For euo issues matters on Long Island, cases are typically filed in Nassau County Supreme Court (at the courthouse in Mineola) or Suffolk County Supreme Court (in Riverhead). No-fault arbitrations are heard through the American Arbitration Association, which assigns arbitrators throughout the metropolitan area. Workers' compensation claims go to the Workers' Compensation Board, with hearings at district offices across the state. Understanding which forum is appropriate for your case — and the specific procedural rules that apply — is essential for a successful outcome.

The procedural landscape in New York also includes important timing requirements that can affect your case. Most civil actions are subject to statutes of limitations ranging from one year (for intentional torts and claims against municipalities) to six years (for contract actions). Personal injury cases generally have a three-year deadline under CPLR 214(5), while medical malpractice claims must be filed within two and a half years under CPLR 214-a. No-fault insurance claims have their own regulatory deadlines, including 30-day filing requirements for applications and 45-day deadlines for provider claims. Understanding and complying with these deadlines is critical — missing a filing deadline can permanently bar your claim, regardless of how strong your case may be on the merits.

Attorney Jason Tenenbaum regularly practices in all of these venues. His office at 326 Walt Whitman Road, Suite C, Huntington Station, NY 11746, is centrally located on Long Island, providing convenient access to courts and offices throughout Nassau County, Suffolk County, and New York City. Whether you need representation in a no-fault arbitration, a personal injury trial, an employment discrimination hearing, or an appeal to the Appellate Division, the Law Office of Jason Tenenbaum, P.C. brings $24+ years of real courtroom experience to your case. If you have questions about the legal issues discussed in this article, call (516) 750-0595 for a free, no-obligation consultation.

New York's substantive law also presents distinct challenges. In motor vehicle cases, the no-fault system under Insurance Law Article 51 provides first-party benefits regardless of fault, but limits the right to sue for non-economic damages unless the plaintiff establishes a "serious injury" under one of nine statutory categories. This threshold — codified at Insurance Law Section 5102(d) — requires medical evidence showing more than a minor or subjective injury, and courts have developed detailed standards for each category. Fractures must be documented through imaging studies. Claims of permanent consequential limitation or significant limitation of use require quantified range-of-motion testing with comparison to norms. The 90/180-day category demands proof that the plaintiff was unable to perform substantially all of their usual daily activities for at least 90 of the 180 days following the accident.

In employment discrimination cases, the legal standards vary depending on whether the claim arises under state or local law.

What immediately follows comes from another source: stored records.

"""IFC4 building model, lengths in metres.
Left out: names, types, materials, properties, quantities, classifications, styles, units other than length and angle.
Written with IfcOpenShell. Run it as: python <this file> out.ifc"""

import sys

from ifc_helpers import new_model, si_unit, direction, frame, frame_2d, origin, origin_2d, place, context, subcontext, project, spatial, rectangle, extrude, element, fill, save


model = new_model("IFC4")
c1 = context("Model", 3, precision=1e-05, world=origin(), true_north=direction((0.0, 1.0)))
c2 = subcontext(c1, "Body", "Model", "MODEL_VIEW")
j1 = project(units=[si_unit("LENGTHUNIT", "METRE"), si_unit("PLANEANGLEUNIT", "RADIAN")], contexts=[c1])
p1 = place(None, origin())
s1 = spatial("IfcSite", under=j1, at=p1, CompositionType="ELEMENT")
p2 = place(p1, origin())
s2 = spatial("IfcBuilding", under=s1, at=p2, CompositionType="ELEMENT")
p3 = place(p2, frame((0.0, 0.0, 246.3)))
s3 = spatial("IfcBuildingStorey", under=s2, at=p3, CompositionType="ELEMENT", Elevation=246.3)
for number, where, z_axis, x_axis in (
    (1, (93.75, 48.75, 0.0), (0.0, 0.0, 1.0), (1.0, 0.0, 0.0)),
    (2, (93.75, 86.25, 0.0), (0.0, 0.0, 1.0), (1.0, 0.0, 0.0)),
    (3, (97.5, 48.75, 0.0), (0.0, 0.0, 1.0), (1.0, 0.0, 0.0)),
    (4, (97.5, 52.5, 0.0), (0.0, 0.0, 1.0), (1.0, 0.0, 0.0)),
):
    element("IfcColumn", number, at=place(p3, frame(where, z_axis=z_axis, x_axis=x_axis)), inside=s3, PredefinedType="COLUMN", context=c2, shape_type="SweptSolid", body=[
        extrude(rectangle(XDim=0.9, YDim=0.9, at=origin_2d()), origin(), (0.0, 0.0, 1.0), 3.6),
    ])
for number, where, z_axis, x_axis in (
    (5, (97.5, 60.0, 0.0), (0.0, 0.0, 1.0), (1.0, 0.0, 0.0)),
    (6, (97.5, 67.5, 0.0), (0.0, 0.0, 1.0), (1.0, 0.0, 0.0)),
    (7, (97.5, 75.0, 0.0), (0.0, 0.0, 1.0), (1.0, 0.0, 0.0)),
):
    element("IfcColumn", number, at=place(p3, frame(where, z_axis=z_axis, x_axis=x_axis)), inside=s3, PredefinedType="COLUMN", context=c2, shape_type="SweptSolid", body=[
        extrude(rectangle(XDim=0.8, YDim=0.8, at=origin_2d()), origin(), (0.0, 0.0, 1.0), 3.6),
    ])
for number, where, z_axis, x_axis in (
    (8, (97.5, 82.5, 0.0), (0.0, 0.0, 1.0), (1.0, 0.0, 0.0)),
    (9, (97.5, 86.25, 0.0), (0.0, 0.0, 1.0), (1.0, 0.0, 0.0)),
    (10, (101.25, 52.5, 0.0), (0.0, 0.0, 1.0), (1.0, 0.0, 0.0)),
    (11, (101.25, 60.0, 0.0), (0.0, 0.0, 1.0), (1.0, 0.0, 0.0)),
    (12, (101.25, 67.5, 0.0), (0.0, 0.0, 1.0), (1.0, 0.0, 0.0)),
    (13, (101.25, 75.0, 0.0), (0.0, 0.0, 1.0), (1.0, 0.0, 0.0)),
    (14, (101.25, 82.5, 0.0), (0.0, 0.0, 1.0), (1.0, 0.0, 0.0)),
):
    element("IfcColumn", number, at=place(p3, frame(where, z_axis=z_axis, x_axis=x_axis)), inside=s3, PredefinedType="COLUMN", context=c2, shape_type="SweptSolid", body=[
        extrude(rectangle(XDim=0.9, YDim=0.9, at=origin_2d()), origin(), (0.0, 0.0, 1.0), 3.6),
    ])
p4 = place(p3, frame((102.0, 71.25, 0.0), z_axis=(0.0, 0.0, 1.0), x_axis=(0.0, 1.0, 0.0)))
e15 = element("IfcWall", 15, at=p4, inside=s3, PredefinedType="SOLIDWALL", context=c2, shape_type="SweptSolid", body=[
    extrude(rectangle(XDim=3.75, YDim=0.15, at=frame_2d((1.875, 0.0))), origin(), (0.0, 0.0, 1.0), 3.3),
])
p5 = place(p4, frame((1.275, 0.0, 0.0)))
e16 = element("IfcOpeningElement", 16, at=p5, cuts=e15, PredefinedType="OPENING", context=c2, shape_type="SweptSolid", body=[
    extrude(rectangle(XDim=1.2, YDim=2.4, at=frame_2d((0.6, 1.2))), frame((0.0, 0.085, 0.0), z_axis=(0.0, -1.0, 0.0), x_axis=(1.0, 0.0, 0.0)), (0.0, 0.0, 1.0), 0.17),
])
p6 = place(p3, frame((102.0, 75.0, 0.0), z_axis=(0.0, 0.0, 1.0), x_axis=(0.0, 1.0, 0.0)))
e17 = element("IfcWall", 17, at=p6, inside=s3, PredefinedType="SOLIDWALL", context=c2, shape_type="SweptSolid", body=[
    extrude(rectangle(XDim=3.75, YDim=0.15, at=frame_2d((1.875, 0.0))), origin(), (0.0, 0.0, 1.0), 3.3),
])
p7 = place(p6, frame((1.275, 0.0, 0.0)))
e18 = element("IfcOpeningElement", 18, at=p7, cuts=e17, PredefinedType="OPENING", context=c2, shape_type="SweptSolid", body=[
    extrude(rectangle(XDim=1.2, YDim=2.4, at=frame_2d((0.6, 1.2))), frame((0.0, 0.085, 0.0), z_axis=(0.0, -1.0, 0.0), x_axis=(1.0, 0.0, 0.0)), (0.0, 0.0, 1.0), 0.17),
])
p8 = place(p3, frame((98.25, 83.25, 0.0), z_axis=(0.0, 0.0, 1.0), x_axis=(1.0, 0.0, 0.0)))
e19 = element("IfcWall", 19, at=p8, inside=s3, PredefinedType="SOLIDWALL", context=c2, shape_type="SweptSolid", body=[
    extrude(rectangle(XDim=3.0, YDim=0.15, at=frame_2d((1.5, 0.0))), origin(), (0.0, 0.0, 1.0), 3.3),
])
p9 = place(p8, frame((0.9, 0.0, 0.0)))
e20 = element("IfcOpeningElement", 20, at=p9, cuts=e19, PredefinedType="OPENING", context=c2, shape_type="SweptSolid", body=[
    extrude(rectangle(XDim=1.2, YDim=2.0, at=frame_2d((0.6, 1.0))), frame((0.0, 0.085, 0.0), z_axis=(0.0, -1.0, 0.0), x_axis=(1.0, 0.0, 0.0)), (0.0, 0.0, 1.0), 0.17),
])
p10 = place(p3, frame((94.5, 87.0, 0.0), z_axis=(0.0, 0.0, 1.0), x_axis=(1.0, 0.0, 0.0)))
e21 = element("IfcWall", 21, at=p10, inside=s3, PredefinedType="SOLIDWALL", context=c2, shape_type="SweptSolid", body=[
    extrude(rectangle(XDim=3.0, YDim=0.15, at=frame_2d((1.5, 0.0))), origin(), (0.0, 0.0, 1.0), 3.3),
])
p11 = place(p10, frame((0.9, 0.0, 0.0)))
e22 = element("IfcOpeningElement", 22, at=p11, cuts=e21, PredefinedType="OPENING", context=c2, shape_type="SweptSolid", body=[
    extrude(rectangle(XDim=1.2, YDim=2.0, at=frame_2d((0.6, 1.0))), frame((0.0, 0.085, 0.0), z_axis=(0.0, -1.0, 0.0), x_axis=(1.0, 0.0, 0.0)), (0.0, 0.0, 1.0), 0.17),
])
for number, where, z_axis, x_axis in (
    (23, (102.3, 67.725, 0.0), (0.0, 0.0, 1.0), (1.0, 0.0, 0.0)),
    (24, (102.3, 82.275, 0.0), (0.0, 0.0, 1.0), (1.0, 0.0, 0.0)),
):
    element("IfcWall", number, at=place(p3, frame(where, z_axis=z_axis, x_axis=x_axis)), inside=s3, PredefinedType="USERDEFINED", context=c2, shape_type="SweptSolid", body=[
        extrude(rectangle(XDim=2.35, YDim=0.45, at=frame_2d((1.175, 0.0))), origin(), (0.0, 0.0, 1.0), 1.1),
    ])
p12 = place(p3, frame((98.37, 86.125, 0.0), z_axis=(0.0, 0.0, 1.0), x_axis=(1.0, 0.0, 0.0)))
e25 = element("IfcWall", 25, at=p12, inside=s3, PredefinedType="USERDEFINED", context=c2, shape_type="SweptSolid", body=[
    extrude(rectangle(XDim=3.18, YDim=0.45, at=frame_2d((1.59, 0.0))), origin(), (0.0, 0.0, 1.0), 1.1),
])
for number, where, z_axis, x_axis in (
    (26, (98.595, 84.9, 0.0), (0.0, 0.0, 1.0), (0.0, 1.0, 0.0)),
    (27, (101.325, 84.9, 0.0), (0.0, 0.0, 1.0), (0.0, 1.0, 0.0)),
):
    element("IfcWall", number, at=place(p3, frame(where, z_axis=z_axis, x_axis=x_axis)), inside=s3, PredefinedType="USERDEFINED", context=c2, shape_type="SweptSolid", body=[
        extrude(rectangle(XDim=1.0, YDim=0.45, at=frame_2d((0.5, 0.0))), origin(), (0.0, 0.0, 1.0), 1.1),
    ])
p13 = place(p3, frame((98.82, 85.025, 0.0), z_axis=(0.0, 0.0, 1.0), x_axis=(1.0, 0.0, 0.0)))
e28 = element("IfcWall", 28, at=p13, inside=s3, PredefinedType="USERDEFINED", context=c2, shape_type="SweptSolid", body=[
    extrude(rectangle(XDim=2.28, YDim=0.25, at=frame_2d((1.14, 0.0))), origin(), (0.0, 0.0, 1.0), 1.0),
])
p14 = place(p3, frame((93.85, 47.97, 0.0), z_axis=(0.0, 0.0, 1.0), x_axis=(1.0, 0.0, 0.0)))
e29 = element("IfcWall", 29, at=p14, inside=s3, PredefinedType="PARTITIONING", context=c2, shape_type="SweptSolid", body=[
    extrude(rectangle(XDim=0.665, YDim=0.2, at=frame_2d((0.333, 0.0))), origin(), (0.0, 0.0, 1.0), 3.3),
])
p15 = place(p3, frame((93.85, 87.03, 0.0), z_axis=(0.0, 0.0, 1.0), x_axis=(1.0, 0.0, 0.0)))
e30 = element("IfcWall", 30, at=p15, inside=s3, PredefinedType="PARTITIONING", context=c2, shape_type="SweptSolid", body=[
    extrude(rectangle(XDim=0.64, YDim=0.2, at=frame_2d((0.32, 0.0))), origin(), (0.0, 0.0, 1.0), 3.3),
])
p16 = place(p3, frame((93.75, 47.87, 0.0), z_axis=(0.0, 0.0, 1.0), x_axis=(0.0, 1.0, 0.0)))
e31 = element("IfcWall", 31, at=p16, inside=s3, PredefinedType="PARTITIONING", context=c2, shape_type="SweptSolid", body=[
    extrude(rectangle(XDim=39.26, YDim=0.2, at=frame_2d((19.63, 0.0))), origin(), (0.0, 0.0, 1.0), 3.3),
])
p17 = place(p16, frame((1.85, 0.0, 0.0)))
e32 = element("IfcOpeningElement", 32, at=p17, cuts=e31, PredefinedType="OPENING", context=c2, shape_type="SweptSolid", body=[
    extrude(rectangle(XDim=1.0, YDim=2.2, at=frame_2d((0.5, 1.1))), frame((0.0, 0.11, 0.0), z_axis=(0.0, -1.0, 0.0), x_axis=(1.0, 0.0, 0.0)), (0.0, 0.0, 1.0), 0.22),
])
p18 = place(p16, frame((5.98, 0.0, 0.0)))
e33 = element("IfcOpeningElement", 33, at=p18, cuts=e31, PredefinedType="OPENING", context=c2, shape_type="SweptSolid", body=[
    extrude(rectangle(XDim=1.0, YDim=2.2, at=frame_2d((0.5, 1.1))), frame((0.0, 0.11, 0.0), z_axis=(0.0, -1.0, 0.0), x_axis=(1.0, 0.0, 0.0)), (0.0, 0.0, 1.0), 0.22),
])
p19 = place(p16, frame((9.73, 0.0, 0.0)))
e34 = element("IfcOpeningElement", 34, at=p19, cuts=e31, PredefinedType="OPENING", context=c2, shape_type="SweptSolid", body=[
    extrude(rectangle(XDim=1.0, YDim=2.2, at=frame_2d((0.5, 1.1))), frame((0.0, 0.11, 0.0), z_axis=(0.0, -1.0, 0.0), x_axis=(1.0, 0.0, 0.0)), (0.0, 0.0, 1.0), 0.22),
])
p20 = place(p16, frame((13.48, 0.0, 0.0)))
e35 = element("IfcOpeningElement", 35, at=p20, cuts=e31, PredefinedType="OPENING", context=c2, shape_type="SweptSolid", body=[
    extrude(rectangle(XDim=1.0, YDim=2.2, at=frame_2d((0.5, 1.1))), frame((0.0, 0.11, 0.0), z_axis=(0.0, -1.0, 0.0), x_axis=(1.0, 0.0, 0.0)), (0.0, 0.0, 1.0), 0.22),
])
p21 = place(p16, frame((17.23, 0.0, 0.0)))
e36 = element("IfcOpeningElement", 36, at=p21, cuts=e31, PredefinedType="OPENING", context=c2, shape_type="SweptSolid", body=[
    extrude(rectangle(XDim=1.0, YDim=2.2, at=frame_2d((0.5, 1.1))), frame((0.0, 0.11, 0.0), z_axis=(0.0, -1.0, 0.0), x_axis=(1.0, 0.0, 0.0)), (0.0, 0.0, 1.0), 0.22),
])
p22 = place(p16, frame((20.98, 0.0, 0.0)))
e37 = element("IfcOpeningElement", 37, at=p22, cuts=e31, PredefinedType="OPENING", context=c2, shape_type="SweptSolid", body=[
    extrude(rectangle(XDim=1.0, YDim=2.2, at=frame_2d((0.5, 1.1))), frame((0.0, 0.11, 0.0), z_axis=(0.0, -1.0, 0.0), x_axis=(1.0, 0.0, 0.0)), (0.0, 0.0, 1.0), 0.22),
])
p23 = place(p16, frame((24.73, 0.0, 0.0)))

The New York State Human Rights Law employs a burden-shifting framework: the plaintiff must first establish a prima facie case by showing membership in a protected class, qualification for the position, an adverse employment action, and circumstances giving rise to an inference of discrimination. The burden then shifts to the employer to articulate a legitimate, non-discriminatory reason for its decision. If the employer meets this burden, the plaintiff must demonstrate that the stated reason is pretextual. The New York City Human Rights Law, by contrast, applies a broader standard, asking whether the plaintiff was treated less well than other employees because of a protected characteristic.